Did you end up finding an answer to this?


----------



## Ballaratguy (6/11/19)

Nullnvoid said:


> Did you end up finding an answer to this?


No you have won the prize for the first reply
I have been using the pirate life throwback recipe that is is a forum here(V2 or 3) which is a good low abv recipe and have been playing around with the hops
Having recently tasted a halter xpa I would say that the XP’s has the same hop bill or very similar so I thought I’d try that


----------



## Moojie (7/9/20)

definatly searching for the same Balter Captain Sensible recipe if anyone is able to help this thread


----------



## Picko1 (15/6/21)

Hi guys, 

I’ve been looking around for an Nvc all grain clone of the balter IPA with no luck, has anybody had better success? TIA


----------



## deevee (19/6/21)

I don’t have balter ipa but u should try a bentspoke crankshaft clone discussed on this forum to get a beer similar to balter.


----------



## Picko1 (3/7/21)

Ok perfect will do, I’ve tried them and they are good. Can’t find the exact recipe on here, is there a link available? Cheers


----------



## chookherder (4/7/21)

Picko1 said:


> Ok perfect will do, I’ve tried them and they are good. Can’t find the exact recipe on here, is there a link available? Cheers


This one is good, the key is the Ekuanot hops… CamShaft IPA - Hoppy Days Brewing Supplies


----------



## David B (5/7/21)

chookherder said:


> This one is good, the key is the Ekuanot hops… CamShaft IPA - Hoppy Days Brewing Supplies


Just checking on the yeast, do I need to use all 3 or choose 1 packet? New to all grain brewing so may be a stupid question!!


----------



## chookherder (5/7/21)

David B said:


> Just checking on the yeast, do I need to use all 3 or choose 1 packet? New to all grain brewing so may be a stupid question!!

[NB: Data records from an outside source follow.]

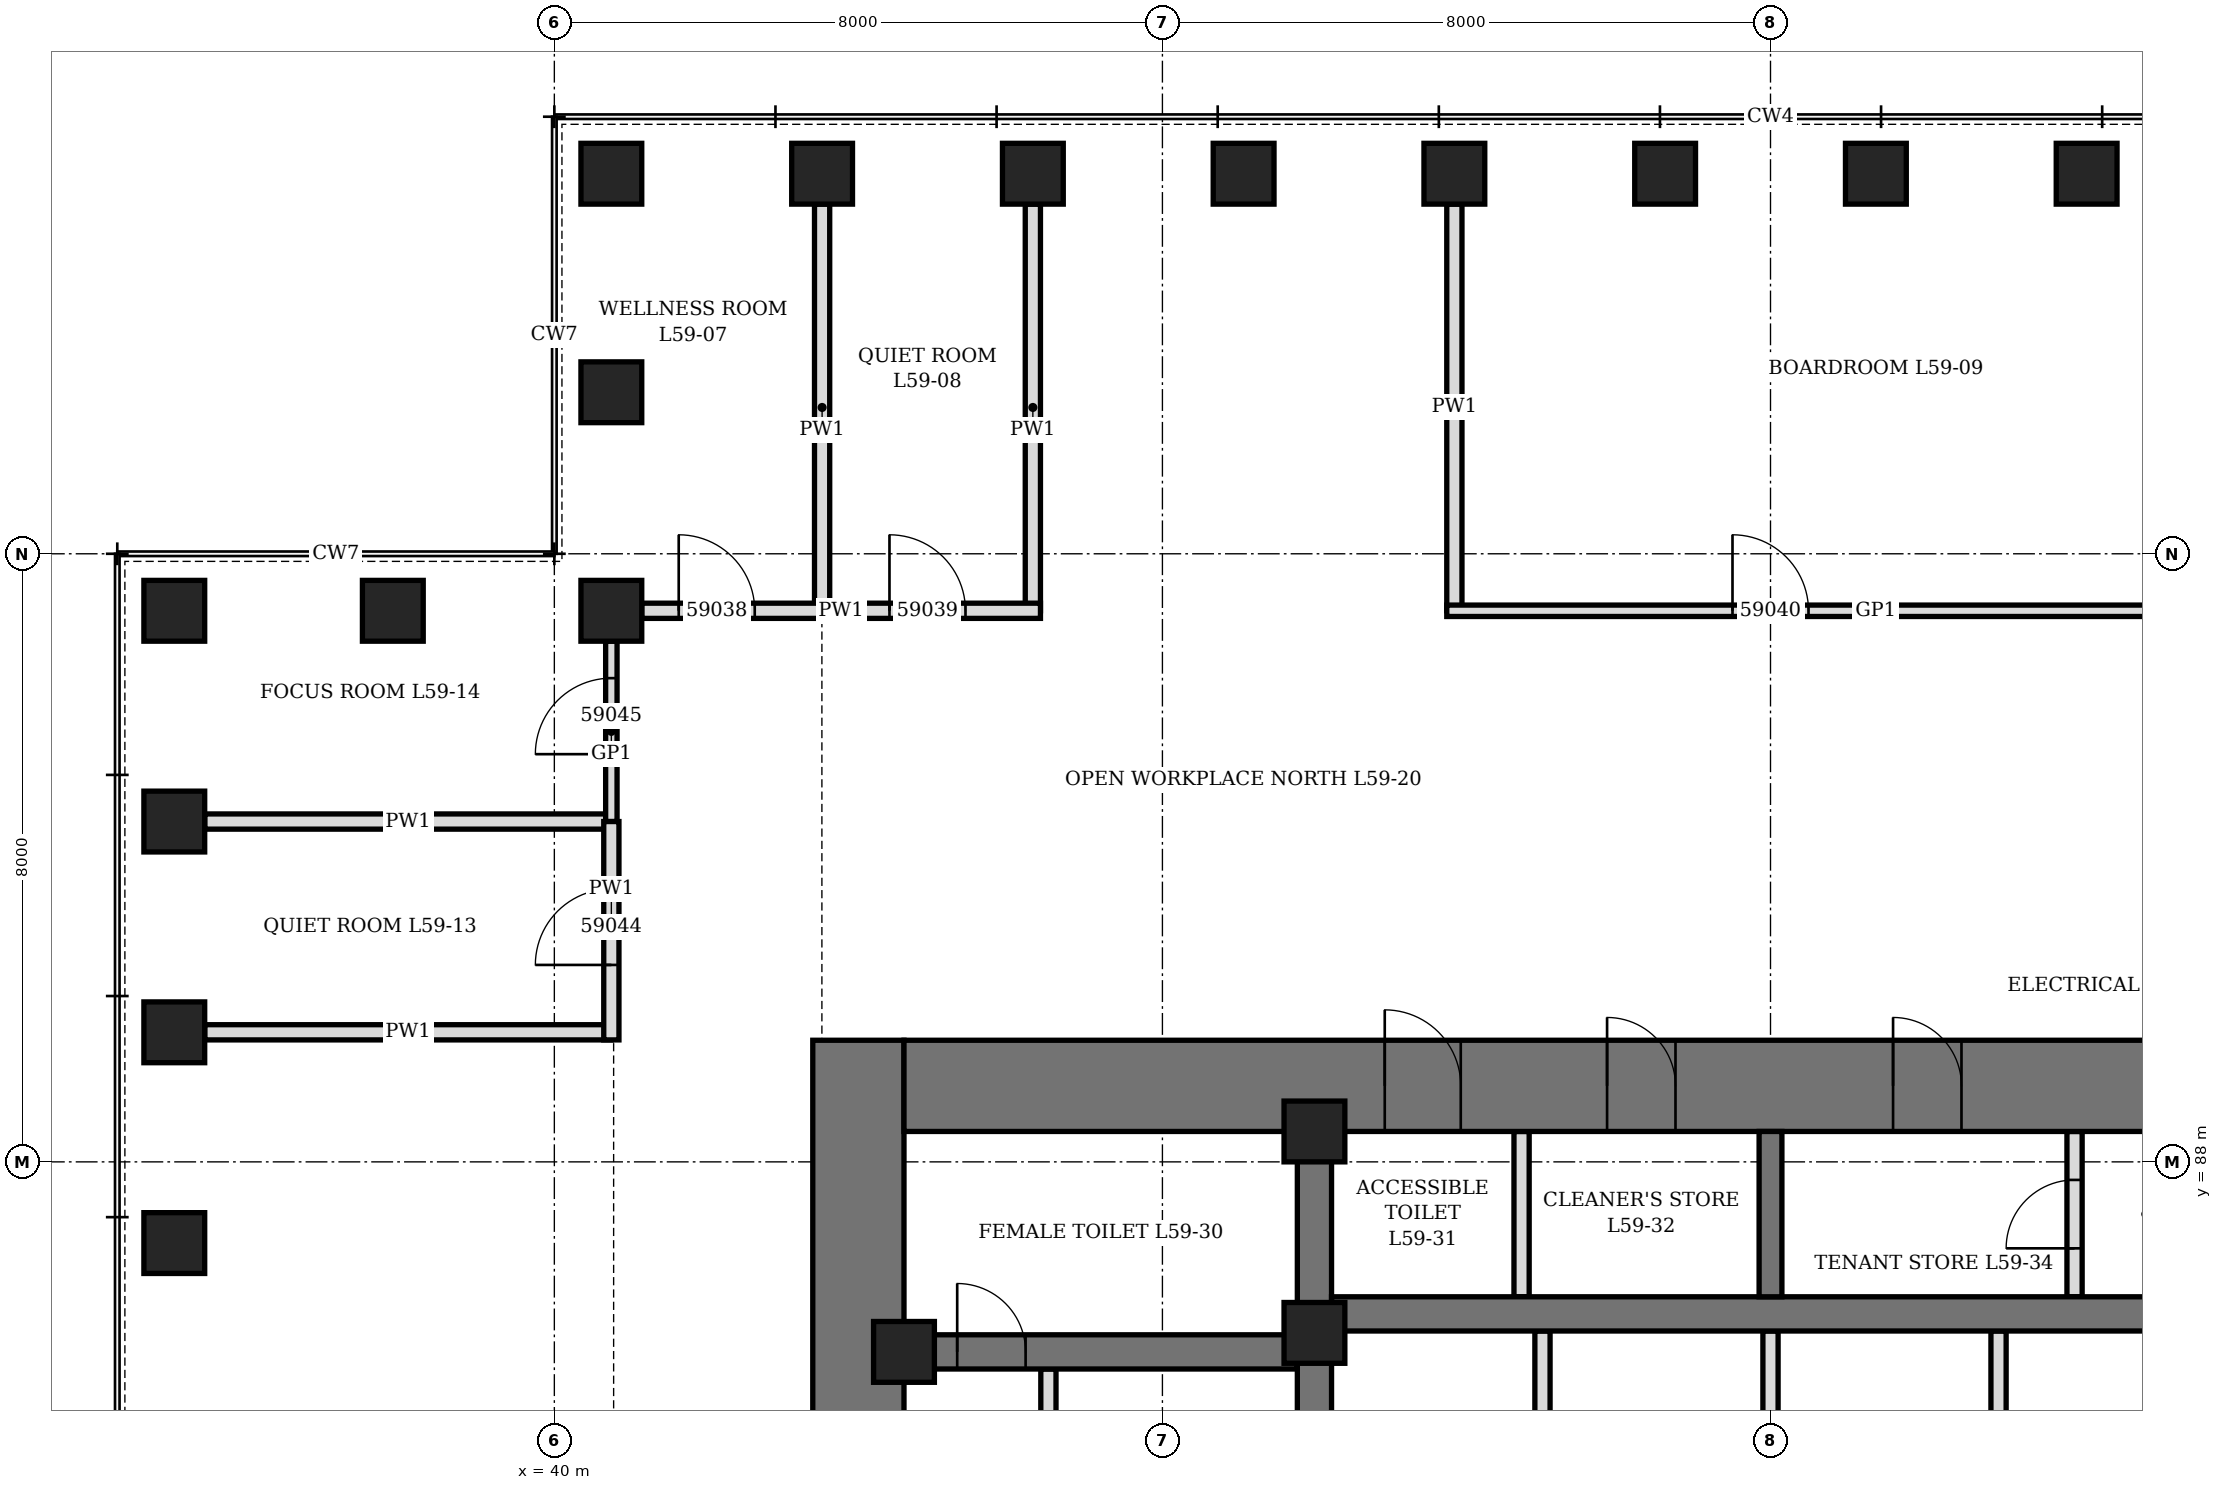
"""IFC4 building model, lengths in metres.
Left out: names, types, materials, properties, quantities, classifications, styles, units other than length and angle.
Written with IfcOpenShell. Run it as: python <this file> out.ifc"""

import sys

from ifc_helpers import new_model, si_unit, direction, frame, frame_2d, origin, origin_2d, place, context, subcontext, project, spatial, rectangle, hollow_rectangle, extrude, element, fill, save


model = new_model("IFC4")
c1 = context("Model", 3, precision=1e-05, world=origin(), true_north=direction((0.0, 1.0)))
c2 = subcontext(c1, "Body", "Model", "MODEL_VIEW")
j1 = project(units=[si_unit("LENGTHUNIT", "METRE"), si_unit("PLANEANGLEUNIT", "RADIAN")], contexts=[c1])
p1 = place(None, origin())
s1 = spatial("IfcSite", under=j1, at=p1, CompositionType="ELEMENT")
p2 = place(p1, origin())
s2 = spatial("IfcBuilding", under=s1, at=p2, CompositionType="ELEMENT")
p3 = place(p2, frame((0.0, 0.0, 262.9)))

I think you’re asking if you use just one of the types of yeast, not specifically how many satchels of the yeast you choose to use?
I personally like the US-05 yeast for this type of beer and I would use 2x 11g satchels of it in a 25l batch.

cheers big beers,
Ben


----------



## Grmblz (5/7/21)

David B said:


> Just checking on the yeast, do I need to use all 3 or choose 1 packet? New to all grain brewing so may be a stupid question!!


No, just pick one, note if using the dry then two packets are required, if using wet then a starter would be necesary.


----------



## David B (5/7/21)

chookherder said:


> I think you’re asking if you use just one of the types of yeast, not specifically how many satchels of the yeast you choose to use?
> I personally like the US-05 yeast for this type of beer and I would use 2x 11g satchels of it in a 25l batch.
> 
> cheers big beers,
> Ben


Correct - thanks for clarifying, look forward to brewing this recipe


----------



## David B (5/7/21)

Grmblz said:


> No, just pick one, note if using the dry then two packets are required, if using wet then a starter would be necesary.


Many thanks for the clarification


----------



## David B (6/7/21)

Hi guys - interested to know the outcome if I increase volume to 27L, leave the malt the same and according to BF this will reduce the ABV to 6%. Am brewing in a 65L BZ. Would this change affect the brew.


----------



## chookherder (6/7/21)

It will change it but that’s no reason not to proceed. I’m sure you’ll run it a few more times to tweak to what you like. Just keep accurate notes and maintain good records and you will come to understand what changes have what impact on final beer. Have fun, it will still be awesome !!


----------



## jayred (7/7/21)

For those looking i have seen a few captain sensible recipes on the brewfather app


----------



## David B (8/7/21)

Many thanks for the reply, my reason for wanting to change the recipe is that 6.3% would knock me out after a couple of pints as I am an old bugger!!


----------



## Morgz (8/7/21)

chookherder said:


> This one is good, the key is the Ekuanot hops… CamShaft IPA - Hoppy Days Brewing Supplies



I've brewed this, it's fantastic, can taste the alcohol a bit though. I like it after about a week or 2, the hop burn settles down and flavours blend well. A few pints makes my close my eyes on the lounge though.


----------



## Morgz (8/7/21)

jayred said:


> For those looking i have seen a few captain sensible recipes on the brewfather app



Has anybody tried any of these, I love me a good mid strength.


----------



## deevee (9/7/21)

Look at the same hoppy days brewing supplies website under recipes and there is a captain responsible recipe. That will get you there.


----------



## David B (10/7/21)

deevee said:


> Look at the same hoppy days brewing supplies website under recipes and there is a captain responsible recipe. That will get you there.


excellent many thanks


----------



## Nullnvoid (13/7/21)

Does anyone else think it's kind of ironic that a Scott H wants a Balter IPA recipe. 

I mean surely if anyone knows what the Balter IPA recipe is, it's Scott H  LOL


----------



## deevee (14/7/21)

But that Scott H is from Melbourne and ain’t the other Scott H who may have an idea how to make this beer.


----------



## Picko1 (14/7/21)

Just tasted the brew, still no balter ipa but close. Force carbonated and chiller in the fermenter in the fridge for a few days to try and get some sludge out. Bit hit and his when brewing as is the first bre but will get better with time. Still need to find those balter hops bill


----------